Gradient descent: Difference between revisions

Definition

Gradient descent is a general approach used in first-order iterative optimization algorithms whose goal is to find the (approximate) minimum of a function of multiple variables. The idea is that, at each stage of the iteration, we move in the direction of the negative of the gradient vector (or computational approximation to the gradient vector). The step size that we choose depends on the exact algorithm used, and typically involves some sort of line search.

Other names for gradient descent are steepest descent and method of steepest descent.

The corresponding method, if applied to finding maxima, would move in a positive direction along the gradient vector, and is called gradient ascent. The methods are computationally equivalent: gradient descent for finding the minimum of ${\displaystyle f}$ is equivalent to gradient ascent for finding the maximum of ${\displaystyle -f}$ over the same domain.

Iterative step

Suppose we are applying gradient descent to minimize a function ${\displaystyle f:\mathbb {R} ^{n}\to \mathbb {R} }$. We will denote the input to ${\displaystyle f}$ as a vector ${\displaystyle {\vec {x}}=(x_{1},x_{2},\dots ,x_{n})}$. Given a guess ${\displaystyle {\vec {x}}_{k}}$, gradient descent computes the next guess ${\displaystyle {\vec {x}}_{k+1}}$ as follows:

${\displaystyle {\vec {x}}_{k+1}={\vec {x}}_{k}-\alpha _{k}\nabla f({\vec {x}}_{k})}$

Note that the quantity ${\displaystyle \alpha _{k}}$ needs to be specified, and the method of choosing this constant describes the type of gradient descent.

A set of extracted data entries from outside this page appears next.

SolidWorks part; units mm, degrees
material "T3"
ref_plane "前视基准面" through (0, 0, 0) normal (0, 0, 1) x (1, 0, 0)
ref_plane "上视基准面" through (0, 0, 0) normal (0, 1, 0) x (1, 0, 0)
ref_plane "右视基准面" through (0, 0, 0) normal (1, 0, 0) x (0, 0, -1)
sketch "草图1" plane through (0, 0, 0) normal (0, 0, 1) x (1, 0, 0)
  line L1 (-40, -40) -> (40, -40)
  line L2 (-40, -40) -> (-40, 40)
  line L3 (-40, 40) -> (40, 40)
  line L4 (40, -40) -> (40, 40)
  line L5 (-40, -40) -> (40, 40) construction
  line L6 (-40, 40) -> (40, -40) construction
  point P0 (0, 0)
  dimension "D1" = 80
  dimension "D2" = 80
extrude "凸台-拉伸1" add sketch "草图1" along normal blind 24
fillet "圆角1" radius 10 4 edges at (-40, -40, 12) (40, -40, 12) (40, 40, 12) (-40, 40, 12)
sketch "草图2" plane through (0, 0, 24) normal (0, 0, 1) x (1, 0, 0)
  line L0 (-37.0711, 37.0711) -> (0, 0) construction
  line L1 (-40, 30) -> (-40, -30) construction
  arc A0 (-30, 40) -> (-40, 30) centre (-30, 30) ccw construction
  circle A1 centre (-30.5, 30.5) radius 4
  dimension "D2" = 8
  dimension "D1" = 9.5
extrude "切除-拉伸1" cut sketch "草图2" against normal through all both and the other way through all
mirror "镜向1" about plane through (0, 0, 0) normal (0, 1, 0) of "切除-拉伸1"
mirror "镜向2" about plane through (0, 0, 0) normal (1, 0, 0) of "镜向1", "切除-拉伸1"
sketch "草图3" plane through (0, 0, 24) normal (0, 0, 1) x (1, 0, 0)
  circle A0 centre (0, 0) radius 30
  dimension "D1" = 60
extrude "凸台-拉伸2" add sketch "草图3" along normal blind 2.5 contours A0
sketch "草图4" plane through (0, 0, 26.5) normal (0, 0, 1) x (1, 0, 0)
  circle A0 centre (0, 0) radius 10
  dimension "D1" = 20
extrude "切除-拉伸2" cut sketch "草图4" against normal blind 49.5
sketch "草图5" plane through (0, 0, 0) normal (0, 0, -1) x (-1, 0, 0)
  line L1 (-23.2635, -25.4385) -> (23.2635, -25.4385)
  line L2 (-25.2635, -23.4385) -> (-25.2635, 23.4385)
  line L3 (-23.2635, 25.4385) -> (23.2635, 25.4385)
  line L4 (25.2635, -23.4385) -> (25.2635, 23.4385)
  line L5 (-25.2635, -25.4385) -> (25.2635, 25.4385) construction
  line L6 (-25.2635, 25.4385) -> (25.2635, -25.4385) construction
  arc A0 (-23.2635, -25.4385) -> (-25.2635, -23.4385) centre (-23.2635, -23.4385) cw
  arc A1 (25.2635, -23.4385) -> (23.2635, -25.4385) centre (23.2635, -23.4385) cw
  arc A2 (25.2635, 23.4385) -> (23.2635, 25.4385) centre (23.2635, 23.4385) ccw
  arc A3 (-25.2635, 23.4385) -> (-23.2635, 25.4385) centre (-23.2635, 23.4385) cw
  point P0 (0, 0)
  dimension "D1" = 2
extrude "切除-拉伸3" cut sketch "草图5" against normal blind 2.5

One aspect that distinguishes gradient descent from some variants (such as parallel coordinate descent, sequential coordinate descent, and accelerated gradient methods) is that in every iteration, we move strictly along the direction of the gradient vector, i.e., ${\displaystyle {\vec {x}}_{k}-{\vec {x}}_{k+1}}$ is a scalar multiple of the gradient vector at ${\displaystyle {\vec {x}}_{k}}$.

Types of gradient descent

Name	Verbal description	Mathematical formalism	Further comments
Gradient descent with constant learning rate (default meaning of gradient descent)	Here, the step size is a fixed multiple of the gradient vector. The multiple used is termed the "learning rate" of the algorithm. The choice of learning rate affects the convergence behavior of the gradient descent.	${\displaystyle \alpha _{k}=\alpha }$ for all ${\displaystyle k}$. The constant ${\displaystyle \alpha }$ is termed the learning rate of the algorithm.	Note that this need not converge instantaneously even in the case of a quadratic function of one variable, though that is arguably the simplest nontrivial functional form to optimize. For more, see gradient descent with constant learning rate for a quadratic function of one variable.
Gradient descent with exact line search	The step size in each step is determined using an exact line search along the line of the gradient vector through the current point.	No explicit functional form for ${\displaystyle \alpha _{k}}$, since it depends on details about the function.	Note that this requires computation of the exact functional form restricted to the line as well as a procedure to optimize that function when restricted to that line. Neither of these may be available.
Gradient descent using Newton's method	Here, the step size in each step is determined by applying one iteration (or a fixed number of iterations) of Newton's method for optimization of a function of one variable when performing the line search to determine the step size.	${\displaystyle \alpha _{k}}$ is the reciprocal of the second-order directional derivative of ${\displaystyle f}$ at ${\displaystyle {\vec {x}}_{k}}$ along the direction of ${\displaystyle (\nabla f)({\vec {x}}_{k})}$. Explicitly, if ${\displaystyle H}$ is the Hessian of ${\displaystyle f}$ at ${\displaystyle {\vec {x}}_{k}}$, and ${\displaystyle {\vec {v}}=(\nabla f)({\vec {x}}_{k})}$, then ${\displaystyle \alpha _{k}={\frac {|{\vec {v}}|^{2}}{{\vec {v}}^{T}H{\vec {v}}}}}$.	Note that this coincides with exact line search when the function involved is a quadratic function of multiple variables, because the restriction to the line is a quadratic function, and Newton's method for optimization converges in one step for a quadratic function of one variable. Note that this requires the computation of the second derivative at the point. Note that this method is completely different from Newton's method for optimization of a function of multiple variables, which does not move along the gradient direction, but rather, adjusts it by the inverse of the Hessian matrix.